Prediction intervals were not calculated for 17 (21%) meta-analyses which had included only two individual studies. The prediction intervals of 46 meta-analyses (57%) included the null value of HR=1. Of 64 meta-analyses (79%) including at least three individual studies, 18 had prediction intervals which excluded the null value (HR=1). The 12 meta-analyses (15%) including exactly three individual studies yielded very wide prediction intervals, all of which included the null value of HR=1.

Small study effects

Sixty-five (80%) of the 81 included meta-analyses were judged to have evidence of small study effects (Appendix 5). Sixty-four meta-analyses included three or more studies and were eligible for further assessment through Egger’s test for asymmetry(22). Thirty-seven (58%) of these 64 meta-analyses yielded significant p-values (p<0.10). However only 24 (30%) meta-analyses included ten or more individual studies, a cut off required to give Egger’s sufficient power(31,32). Twenty-one (88%) of the 24 meta-analyses including 10 of more individual studies yielded a significant Egger’s test (79%), indicating funnel plot asymmetry(30).

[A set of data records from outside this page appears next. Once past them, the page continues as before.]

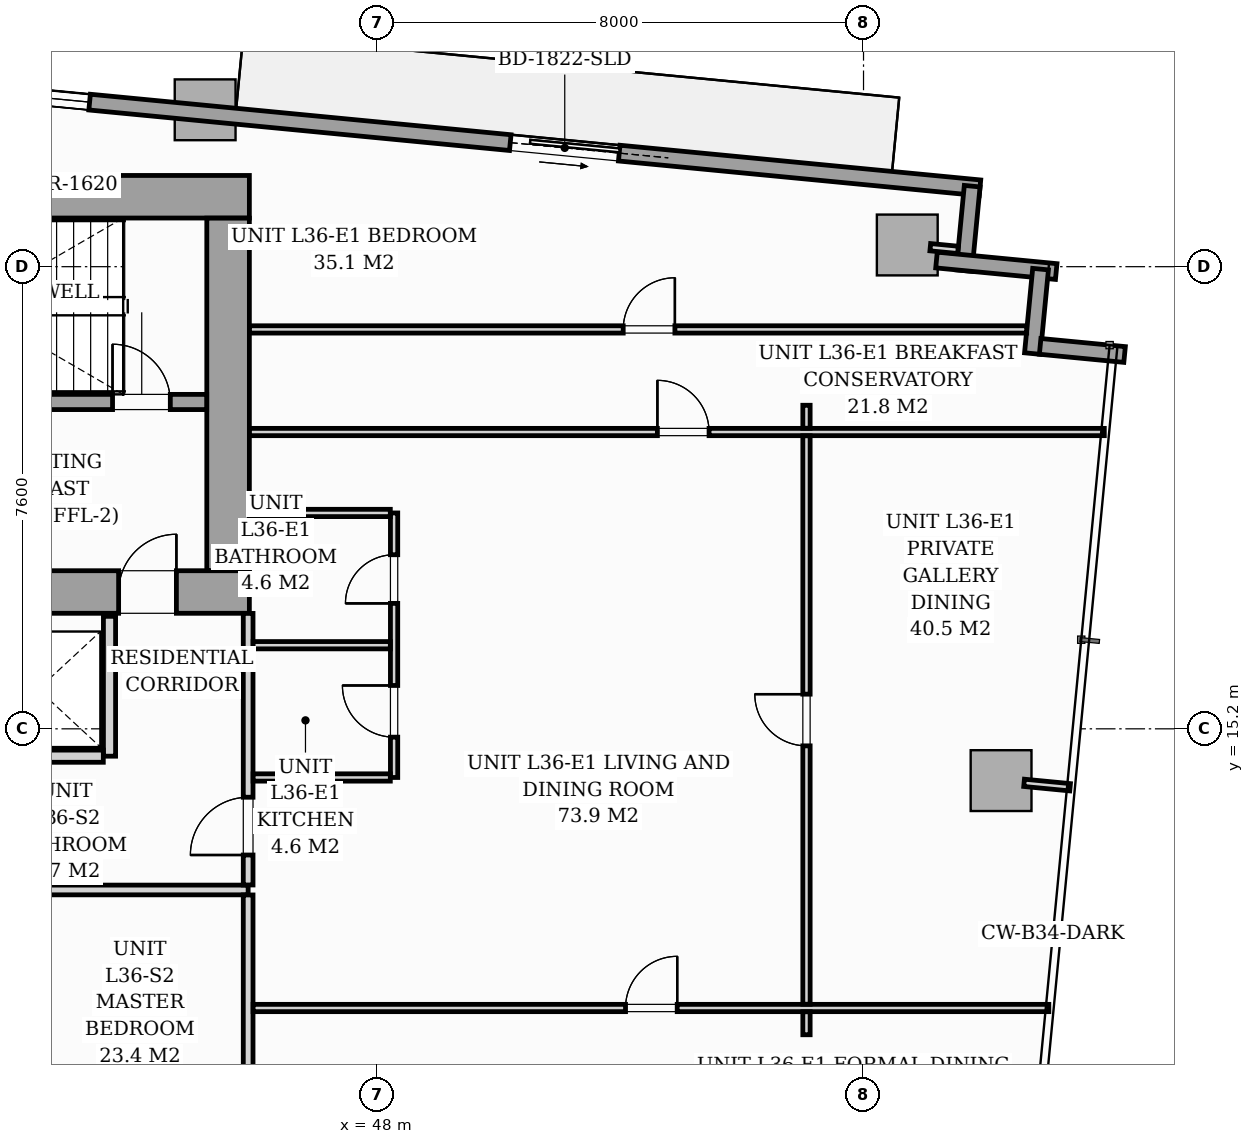
"""IFC4 building model, lengths in metres.
Left out: names, types, materials, properties, quantities, classifications, styles, units other than length and angle.
Written with IfcOpenShell. Run it as: python <this file> out.ifc"""

import sys

from ifc_helpers import new_model, si_unit, direction, frame, frame_2d, origin, origin_2d, place, context, subcontext, project, spatial, rectangle, i_section, extrude, source, transform, mapped, element, fill, save


model = new_model("IFC4")
c1 = context("Model", 3, precision=1e-05, world=origin(), true_north=direction((0.0, 1.0)))
c2 = subcontext(c1, "Body", "Model", "MODEL_VIEW")
j1 = project(units=[si_unit("LENGTHUNIT", "METRE"), si_unit("PLANEANGLEUNIT", "RADIAN")], contexts=[c1])
p1 = place(None, origin())
s1 = spatial("IfcSite", under=j1, at=p1, CompositionType="ELEMENT")
p2 = place(p1, origin())
s2 = spatial("IfcBuilding", under=s1, at=p2, CompositionType="ELEMENT")
p3 = place(p2, frame((0.0, 0.0, 127.8)))
s3 = spatial("IfcBuildingStorey", under=s2, at=p3, CompositionType="ELEMENT", Elevation=127.8)
m1 = source(origin(), c2, "Body", "SweptSolid", [
    extrude(i_section(OverallWidth=0.421, OverallDepth=0.465, WebThickness=0.045, FlangeThickness=0.073, FilletRadius=0.018, at=origin_2d()), origin(), (0.0, 0.0, 1.0), 3.196),
])
for number, where, z_axis, x_axis in (
    (1, (45.6, 17.4, 0.002), (0.0, 0.0, 1.0), (1.0, 0.0, 0.0)),
    (2, (45.6, 24.0, 0.002), (0.0, 0.0, 1.0), (1.0, 0.0, 0.0)),
):
    element("IfcColumn", number, at=place(p3, frame(where, z_axis=z_axis, x_axis=x_axis)), inside=s3, PredefinedType="PILASTER", context=c2, shape_type="MappedRepresentation", body=[
        mapped(m1, transform((0.0, 0.0, 0.0), scale=1.0)),
    ])
m2 = source(origin(), c2, "Body", "SweptSolid", [
    extrude(rectangle(XDim=1.0, YDim=1.0, at=origin_2d()), origin(), (0.0, 0.0, 1.0), 3.196),
])
for number, where, z_axis, x_axis in (
    (3, (45.173, 25.38, 0.002), (0.0, 0.0, 1.0), (0.995, -0.096, 0.0)),
    (4, (56.719, 23.157, 0.002), (0.0, 0.0, 1.0), (0.995, -0.096, 0.0)),
    (5, (58.262, 14.348, 0.002), (0.0, 0.0, 1.0), (0.995, -0.096, 0.0)),
):
    element("IfcColumn", number, at=place(p3, frame(where, z_axis=z_axis, x_axis=x_axis)), inside=s3, PredefinedType="COLUMN", context=c2, shape_type="MappedRepresentation", body=[
        mapped(m2, transform((0.0, 0.0, 0.0), scale=1.0)),
    ])
p4 = place(p3, frame((40.983, 25.727, 0.0), z_axis=(0.0, 0.0, 1.0), x_axis=(0.995395844771, -0.095849424686, 0.0)))
e6 = element("IfcWall", 6, at=p4, inside=s3, PredefinedType="STANDARD", context=c2, shape_type="SweptSolid", body=[
    extrude(rectangle(XDim=17.01, YDim=0.26, at=frame_2d((8.505, 0.0))), origin(), (0.0, 0.0, 1.0), 2.94),
])
p5 = place(p4, frame((9.25, 0.0, 0.0)))
e7 = element("IfcOpeningElement", 7, at=p5, cuts=e6, PredefinedType="OPENING", context=c2, shape_type="SweptSolid", body=[
    extrude(rectangle(XDim=1.8, YDim=2.06, at=frame_2d((0.9, 1.03))), frame((0.0, 0.14, 0.0), z_axis=(0.0, -1.0, 0.0), x_axis=(1.0, 0.0, 0.0)), (0.0, 0.0, 1.0), 0.28),
])
p6 = place(p4, frame((0.7, 0.0, 0.65)))
e8 = element("IfcOpeningElement", 8, at=p6, cuts=e6, PredefinedType="OPENING", context=c2, shape_type="SweptSolid", body=[
    extrude(rectangle(XDim=1.6, YDim=1.5, at=frame_2d((0.8, 0.75))), frame((0.0, 0.14, 0.0), z_axis=(0.0, -1.0, 0.0), x_axis=(1.0, 0.0, 0.0)), (0.0, 0.0, 1.0), 0.28),
])
p7 = place(p3, frame((57.787, 24.124, 0.0), z_axis=(0.0, 0.0, 1.0), x_axis=(-0.095915846097, -0.995389446633, 0.0)))
e9 = element("IfcWall", 9, at=p7, inside=s3, PredefinedType="STANDARD", context=c2, shape_type="SweptSolid", body=[
    extrude(rectangle(XDim=1.395, YDim=0.26, at=frame_2d((0.697, 0.0))), origin(), (0.0, 0.0, 1.0), 2.94),
])
p8 = place(p3, frame((57.2, 22.909, 0.0), z_axis=(0.0, 0.0, 1.0), x_axis=(0.995401789159, -0.095787672171, 0.0)))
e10 = element("IfcWall", 10, at=p8, inside=s3, PredefinedType="STANDARD", context=c2, shape_type="SweptSolid", body=[
    extrude(rectangle(XDim=1.978, YDim=0.26, at=frame_2d((0.989, 0.0))), origin(), (0.0, 0.0, 1.0), 2.94),
])
for number, where, z_axis, x_axis in (
    (11, (58.912, 22.76, 0.0), (0.0, 0.0, 1.0), (-0.096, -0.995, 0.0)),
    (12, (58.905, 21.49, 0.0), (0.0, 0.0, 1.0), (0.995, -0.096, 0.0)),
):
    element("IfcWall", number, at=place(p3, frame(where, z_axis=z_axis, x_axis=x_axis)), inside=s3, PredefinedType="STANDARD", context=c2, shape_type="SweptSolid", body=[
        extrude(rectangle(XDim=1.395, YDim=0.26, at=frame_2d((0.698, 0.0))), origin(), (0.0, 0.0, 1.0), 2.94),
    ])
p9 = place(p3, frame((26.1, 17.45, 0.0), z_axis=(0.0, 0.0, 1.0), x_axis=(1.0, 0.0, 0.0)))
e13 = element("IfcWall", 13, at=p9, inside=s3, PredefinedType="SHEAR", context=c2, shape_type="SweptSolid", body=[
    extrude(rectangle(XDim=19.8, YDim=0.7, at=frame_2d((9.9, 0.0))), origin(), (0.0, 0.0, 1.0), 3.2),
])
p10 = place(p9, frame((1.05, 0.0, 0.0)))
e14 = element("IfcOpeningElement", 14, at=p10, cuts=e13, PredefinedType="OPENING", context=c2, shape_type="SweptSolid", body=[
    extrude(rectangle(XDim=0.95, YDim=2.06, at=frame_2d((0.475, 1.03))), frame((0.0, 0.36, 0.0), z_axis=(0.0, -1.0, 0.0), x_axis=(1.0, 0.0, 0.0)), (0.0, 0.0, 1.0), 0.72),
])
p11 = place(p9, frame((9.48, 0.0, 0.0)))
e15 = element("IfcOpeningElement", 15, at=p11, cuts=e13, PredefinedType="OPENING", context=c2, shape_type="SweptSolid", body=[
    extrude(rectangle(XDim=0.85, YDim=2.0, at=frame_2d((0.425, 1.0))), frame((0.0, 0.36, 0.0), z_axis=(0.0, -1.0, 0.0), x_axis=(1.0, 0.0, 0.0)), (0.0, 0.0, 1.0), 0.72),
])
p12 = place(p9, frame((17.65, 0.0, 0.0)))
e16 = element("IfcOpeningElement", 16, at=p12, cuts=e13, PredefinedType="OPENING", context=c2, shape_type="SweptSolid", body=[
    extrude(rectangle(XDim=0.95, YDim=2.06, at=frame_2d((0.475, 1.03))), frame((0.0, 0.36, 0.0), z_axis=(0.0, -1.0, 0.0), x_axis=(1.0, 0.0, 0.0)), (0.0, 0.0, 1.0), 0.72),
])
p13 = place(p3, frame((26.1, 23.95, 0.0), z_axis=(0.0, 0.0, 1.0), x_axis=(1.0, 0.0, 0.0)))
e17 = element("IfcWall", 17, at=p13, inside=s3, PredefinedType="SHEAR", context=c2, shape_type="SweptSolid", body=[
    extrude(rectangle(XDim=19.8, YDim=0.7, at=frame_2d((9.9, 0.0))), origin(), (0.0, 0.0, 1.0), 3.2),
])
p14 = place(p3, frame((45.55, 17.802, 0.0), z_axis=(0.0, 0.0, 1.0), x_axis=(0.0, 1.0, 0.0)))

Forty meta-analyses analysed between three and nine studies and Egger’s test was significant (p<0.1) in 16 of these (40%). In 11 of the remaining 24 meta-analyses (46%), the summary effects estimate from the random effects model was larger than the point estimate of the largest study and they were considered to have evidence of small study effects.

Excess significance

Seventeen meta-analyses (21%) showed evidence of excess significance bias according to the TES when the effect size of the largest included study was utilised as an estimate of true effect size (Appendix 6). When the fixed summary effect sizes were utilised as an estimation of true effect size, fifteen meta-analyses (16%) showed evidence of excess significance. No meta-analyses showed evidence when the random summary effect sizes were used.